Zadorsky playing for more than a medal in Tokyo
Shelina Zadorsky speaks with FIFA.com ahead of Tokyo 2020
Canada defender was named Tottenham Hotspur’s player of the season
She raised money for mental health awareness after losing cousin to suicide
Shelina Zadorsky will be playing for much more than a medal in Japan. In March of this year she lost her cousin Carley, one of her biggest supporters, to suicide.
Along with the grief she worked through, she and her family set up a fundraising group through the Centre for Addiction and Mental Health (CAMH), which is Canada’s largest mental health and addiction teaching hospital, and Zadorsky donated two of her match-worn jerseys to the cause.
“It’s crazy how many people have experienced a close relative or friend or anyone struggling with mental health,” Zadorsky told FIFA.com. “I want it to be talked about and I don’t want there to be this stigma that we’re always supposed to be fine all the time and to deal with things on our own.”
Zadorsky is bubbly, energetic and warmhearted on the phone, speaking from pre-Olympic training camp. She’s a self-professed “football nerd”, an avid consumer of Premier League and Champions League matches.
She is obsessed with progress. Moments after draping the bronze medal over her head on a late afternoon in Sao Paulo in 2016, she was already setting goals for the next Olympic Games. And as much as she’s grateful for her career, she’s learned over time to be thankful for each moment, each match and each aerial duel.
“I want to use my platform to say it’s ok to ask for help,” said Zadorsky. “Having something happen so close to home, I realised that life is short and we need to help each other through these times. The reaction and the support that people provided was beyond what I could have ever expected. I really appreciate that.”
Canada are preparing for group matches against hosts Japan, Team GB and Chile.
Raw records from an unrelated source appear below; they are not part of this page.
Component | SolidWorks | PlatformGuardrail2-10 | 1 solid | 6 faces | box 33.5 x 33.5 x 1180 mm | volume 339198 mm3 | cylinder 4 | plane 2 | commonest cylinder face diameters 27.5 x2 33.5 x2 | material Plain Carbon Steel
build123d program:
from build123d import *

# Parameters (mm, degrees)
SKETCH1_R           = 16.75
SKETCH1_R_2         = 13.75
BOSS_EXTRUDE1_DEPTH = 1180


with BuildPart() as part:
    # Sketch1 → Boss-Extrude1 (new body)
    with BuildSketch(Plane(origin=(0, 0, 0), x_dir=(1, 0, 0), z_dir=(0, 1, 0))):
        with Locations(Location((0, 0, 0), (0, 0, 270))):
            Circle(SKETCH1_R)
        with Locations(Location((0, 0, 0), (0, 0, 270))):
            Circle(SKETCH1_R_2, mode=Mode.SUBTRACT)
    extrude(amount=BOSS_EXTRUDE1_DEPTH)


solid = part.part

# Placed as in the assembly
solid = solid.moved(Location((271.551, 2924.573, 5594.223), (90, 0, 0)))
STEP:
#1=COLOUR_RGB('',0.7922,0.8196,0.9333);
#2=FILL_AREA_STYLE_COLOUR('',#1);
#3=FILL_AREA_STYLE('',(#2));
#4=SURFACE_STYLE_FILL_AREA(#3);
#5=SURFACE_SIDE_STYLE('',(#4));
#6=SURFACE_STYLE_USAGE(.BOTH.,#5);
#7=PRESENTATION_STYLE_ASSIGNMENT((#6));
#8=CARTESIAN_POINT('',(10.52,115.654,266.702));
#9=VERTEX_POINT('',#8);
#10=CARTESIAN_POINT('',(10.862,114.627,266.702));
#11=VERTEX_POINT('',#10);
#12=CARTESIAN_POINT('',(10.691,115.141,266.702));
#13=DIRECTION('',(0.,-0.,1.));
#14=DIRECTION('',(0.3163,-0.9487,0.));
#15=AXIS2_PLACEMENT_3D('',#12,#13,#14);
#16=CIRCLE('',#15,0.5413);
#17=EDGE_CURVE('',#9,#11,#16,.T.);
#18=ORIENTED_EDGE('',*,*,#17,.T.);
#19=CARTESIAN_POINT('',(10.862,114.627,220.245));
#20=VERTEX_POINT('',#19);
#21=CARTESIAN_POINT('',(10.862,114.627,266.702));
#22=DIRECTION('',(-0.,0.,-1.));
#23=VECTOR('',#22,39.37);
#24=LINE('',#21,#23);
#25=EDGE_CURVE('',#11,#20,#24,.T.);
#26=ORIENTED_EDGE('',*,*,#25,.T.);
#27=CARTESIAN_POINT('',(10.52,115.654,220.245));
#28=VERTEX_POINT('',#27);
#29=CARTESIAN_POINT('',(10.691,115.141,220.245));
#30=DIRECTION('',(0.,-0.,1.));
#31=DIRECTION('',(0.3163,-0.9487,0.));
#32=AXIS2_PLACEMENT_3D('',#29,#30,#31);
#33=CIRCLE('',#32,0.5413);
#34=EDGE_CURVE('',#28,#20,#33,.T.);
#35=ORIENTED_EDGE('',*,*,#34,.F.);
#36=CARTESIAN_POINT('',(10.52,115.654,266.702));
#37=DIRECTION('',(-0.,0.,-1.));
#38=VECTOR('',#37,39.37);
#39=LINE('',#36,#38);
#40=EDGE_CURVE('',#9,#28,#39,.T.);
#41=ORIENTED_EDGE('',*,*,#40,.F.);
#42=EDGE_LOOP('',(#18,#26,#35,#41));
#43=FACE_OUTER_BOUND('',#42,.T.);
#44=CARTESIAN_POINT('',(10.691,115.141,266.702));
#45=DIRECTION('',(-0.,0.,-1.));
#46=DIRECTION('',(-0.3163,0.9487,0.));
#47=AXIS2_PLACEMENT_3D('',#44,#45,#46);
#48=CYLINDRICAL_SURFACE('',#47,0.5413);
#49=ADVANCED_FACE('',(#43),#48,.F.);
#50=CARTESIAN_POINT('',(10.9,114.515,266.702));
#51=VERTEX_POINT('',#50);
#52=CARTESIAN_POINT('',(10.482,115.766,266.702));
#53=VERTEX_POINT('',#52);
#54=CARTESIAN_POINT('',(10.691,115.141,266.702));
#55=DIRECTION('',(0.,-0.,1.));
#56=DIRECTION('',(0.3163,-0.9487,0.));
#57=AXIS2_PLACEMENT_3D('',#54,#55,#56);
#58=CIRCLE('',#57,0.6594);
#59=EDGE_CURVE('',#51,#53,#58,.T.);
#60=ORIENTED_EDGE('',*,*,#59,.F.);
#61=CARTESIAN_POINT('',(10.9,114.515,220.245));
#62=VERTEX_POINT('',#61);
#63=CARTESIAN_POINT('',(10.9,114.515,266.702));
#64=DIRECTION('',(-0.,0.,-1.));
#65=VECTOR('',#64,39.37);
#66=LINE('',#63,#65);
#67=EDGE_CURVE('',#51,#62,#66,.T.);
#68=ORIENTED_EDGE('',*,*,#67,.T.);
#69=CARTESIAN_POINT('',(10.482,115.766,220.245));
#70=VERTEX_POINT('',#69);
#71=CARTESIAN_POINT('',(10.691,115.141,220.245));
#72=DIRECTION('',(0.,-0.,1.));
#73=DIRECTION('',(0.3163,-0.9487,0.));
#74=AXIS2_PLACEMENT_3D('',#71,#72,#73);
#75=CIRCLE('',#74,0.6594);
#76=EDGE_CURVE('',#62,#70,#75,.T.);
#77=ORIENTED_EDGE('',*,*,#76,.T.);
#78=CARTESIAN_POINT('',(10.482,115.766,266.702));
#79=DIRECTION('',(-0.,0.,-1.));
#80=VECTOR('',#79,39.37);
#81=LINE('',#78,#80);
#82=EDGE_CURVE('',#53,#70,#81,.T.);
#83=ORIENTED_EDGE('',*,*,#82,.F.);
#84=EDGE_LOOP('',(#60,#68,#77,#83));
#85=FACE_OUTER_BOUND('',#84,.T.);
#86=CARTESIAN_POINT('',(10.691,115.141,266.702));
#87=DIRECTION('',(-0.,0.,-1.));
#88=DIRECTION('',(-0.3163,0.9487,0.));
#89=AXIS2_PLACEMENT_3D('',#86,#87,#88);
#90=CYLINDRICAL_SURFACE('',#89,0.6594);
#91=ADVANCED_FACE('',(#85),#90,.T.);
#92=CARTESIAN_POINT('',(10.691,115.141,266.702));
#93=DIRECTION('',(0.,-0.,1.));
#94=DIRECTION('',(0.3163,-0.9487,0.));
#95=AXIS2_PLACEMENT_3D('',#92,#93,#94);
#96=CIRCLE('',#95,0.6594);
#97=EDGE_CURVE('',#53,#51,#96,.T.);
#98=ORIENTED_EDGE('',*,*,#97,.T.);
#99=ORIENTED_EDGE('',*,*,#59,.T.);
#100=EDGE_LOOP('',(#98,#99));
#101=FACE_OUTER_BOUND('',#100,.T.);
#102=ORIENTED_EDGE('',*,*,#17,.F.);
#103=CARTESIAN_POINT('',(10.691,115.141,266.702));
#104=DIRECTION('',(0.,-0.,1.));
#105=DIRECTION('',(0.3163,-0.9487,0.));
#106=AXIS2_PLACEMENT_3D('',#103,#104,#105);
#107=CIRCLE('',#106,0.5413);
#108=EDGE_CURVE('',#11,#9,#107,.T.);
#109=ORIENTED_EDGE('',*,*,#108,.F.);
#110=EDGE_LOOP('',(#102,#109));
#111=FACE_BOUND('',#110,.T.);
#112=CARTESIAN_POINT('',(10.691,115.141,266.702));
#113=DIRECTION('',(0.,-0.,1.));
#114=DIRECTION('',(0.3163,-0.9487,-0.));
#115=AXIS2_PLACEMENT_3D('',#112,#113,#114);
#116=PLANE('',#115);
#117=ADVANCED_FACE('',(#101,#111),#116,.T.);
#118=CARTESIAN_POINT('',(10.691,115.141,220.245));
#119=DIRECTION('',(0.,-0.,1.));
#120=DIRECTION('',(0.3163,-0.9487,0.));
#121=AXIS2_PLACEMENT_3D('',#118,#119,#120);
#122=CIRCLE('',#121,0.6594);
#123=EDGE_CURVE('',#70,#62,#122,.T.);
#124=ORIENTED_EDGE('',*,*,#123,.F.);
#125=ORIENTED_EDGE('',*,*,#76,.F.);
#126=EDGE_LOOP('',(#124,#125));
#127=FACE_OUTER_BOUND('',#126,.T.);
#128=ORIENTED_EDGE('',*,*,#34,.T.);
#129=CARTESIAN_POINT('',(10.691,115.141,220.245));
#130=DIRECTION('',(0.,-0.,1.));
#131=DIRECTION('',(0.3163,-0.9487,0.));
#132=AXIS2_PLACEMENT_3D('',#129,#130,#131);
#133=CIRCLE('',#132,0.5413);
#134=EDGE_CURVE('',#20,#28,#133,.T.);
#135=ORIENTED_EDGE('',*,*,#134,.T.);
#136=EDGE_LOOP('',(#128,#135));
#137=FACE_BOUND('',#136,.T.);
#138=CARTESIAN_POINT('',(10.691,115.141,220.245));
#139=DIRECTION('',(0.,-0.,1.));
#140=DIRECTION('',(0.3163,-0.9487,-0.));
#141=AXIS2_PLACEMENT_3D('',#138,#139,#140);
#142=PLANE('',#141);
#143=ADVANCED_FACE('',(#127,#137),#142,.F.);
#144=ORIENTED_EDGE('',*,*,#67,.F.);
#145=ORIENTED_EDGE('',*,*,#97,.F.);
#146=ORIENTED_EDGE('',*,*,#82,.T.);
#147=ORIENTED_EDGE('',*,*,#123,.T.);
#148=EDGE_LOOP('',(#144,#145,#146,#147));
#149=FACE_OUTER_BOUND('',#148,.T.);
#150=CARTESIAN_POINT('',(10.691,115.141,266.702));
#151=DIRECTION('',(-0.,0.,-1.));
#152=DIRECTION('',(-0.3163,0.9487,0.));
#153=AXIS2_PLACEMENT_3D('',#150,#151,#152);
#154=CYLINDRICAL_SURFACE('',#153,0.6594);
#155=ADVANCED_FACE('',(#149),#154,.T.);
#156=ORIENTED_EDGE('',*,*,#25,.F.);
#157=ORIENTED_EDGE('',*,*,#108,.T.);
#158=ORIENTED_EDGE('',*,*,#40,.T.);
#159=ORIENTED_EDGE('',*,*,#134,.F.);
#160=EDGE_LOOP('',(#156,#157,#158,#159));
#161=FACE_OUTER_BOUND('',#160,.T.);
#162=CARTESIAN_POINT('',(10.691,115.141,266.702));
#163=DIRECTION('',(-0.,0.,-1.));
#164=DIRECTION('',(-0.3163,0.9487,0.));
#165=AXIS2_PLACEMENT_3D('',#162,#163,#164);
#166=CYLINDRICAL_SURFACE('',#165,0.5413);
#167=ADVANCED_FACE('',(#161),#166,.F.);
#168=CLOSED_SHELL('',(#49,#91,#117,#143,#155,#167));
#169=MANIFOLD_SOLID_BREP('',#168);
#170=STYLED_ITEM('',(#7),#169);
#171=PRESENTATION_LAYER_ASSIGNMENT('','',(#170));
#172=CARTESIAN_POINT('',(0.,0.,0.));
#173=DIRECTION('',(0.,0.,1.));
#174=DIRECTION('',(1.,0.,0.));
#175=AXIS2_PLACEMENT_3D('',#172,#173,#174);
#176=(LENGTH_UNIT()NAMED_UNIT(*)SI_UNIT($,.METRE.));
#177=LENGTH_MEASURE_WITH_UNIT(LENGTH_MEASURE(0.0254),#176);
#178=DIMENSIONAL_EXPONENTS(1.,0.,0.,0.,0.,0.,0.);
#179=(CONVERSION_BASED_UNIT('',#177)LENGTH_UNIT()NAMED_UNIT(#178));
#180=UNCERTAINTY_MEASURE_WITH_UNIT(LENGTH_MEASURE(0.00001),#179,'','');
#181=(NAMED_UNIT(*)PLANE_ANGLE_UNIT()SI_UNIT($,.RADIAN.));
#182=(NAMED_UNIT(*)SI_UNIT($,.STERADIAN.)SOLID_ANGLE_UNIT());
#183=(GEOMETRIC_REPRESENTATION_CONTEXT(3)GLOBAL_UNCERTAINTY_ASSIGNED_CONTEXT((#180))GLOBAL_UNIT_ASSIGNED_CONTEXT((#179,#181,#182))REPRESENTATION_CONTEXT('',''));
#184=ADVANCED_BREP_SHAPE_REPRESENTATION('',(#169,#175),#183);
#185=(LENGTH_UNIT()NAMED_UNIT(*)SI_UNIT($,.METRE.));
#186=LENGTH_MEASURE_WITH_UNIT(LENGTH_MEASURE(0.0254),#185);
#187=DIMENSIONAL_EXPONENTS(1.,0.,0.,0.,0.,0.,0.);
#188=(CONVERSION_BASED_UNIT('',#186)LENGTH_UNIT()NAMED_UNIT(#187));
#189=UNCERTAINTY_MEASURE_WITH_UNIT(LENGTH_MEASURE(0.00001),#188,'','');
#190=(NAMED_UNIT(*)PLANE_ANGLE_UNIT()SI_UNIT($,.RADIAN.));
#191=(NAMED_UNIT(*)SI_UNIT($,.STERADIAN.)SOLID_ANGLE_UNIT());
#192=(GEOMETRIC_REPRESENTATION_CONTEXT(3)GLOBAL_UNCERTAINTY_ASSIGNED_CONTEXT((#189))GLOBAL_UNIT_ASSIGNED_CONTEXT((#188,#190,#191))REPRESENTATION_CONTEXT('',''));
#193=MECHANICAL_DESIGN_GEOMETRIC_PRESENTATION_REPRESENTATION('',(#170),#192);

Zadorsky’s in top form, coming off a season in the FA WSL with Tottenham Hotspur where she was up against high quality forwards, week-in and week-out.
The 28-year-old says that coach Bev Priestman has helped the team return to its Canadian identity of grit and tenacious defending.
“She’s come in with a great structure and really helped us with that. Training’s been awesome. We’re going to work hard, defend hard, but we want to add that bravery piece. We want to be braver on the ball, take chances and to all be leaders out there.”
I want to use my platform to say it’s ok to ask for help.
Zadorsky’s looking forward to playing against a variety of opposition: the “beautiful football” of the Japanese, “strong aerial and physical play” of the British and the “flair and technical ability” Chile brings to the table. And while Zadorsky will be full of determination in adding to Canada’s proud recent history in the Women’s Olympic Football Tournament and “wanting to change the colour of the medal” this time around, she’ll be a strong testament to anyone who may be struggling with mental health or who have someone close to them who are.
“I know a lot of people have similar experiences, so I think coming together and helping each other and talking about your own mental health is a powerful place to be. Thankfully I’ve been in environments where we do have mental coaches and people we can open up with and I just hope everyone has someone in their life they can really open to.”
Along with any success Zadorsky may experience in Tokyo, Carley will be in her thoughts and she will soak in another precious moment of life.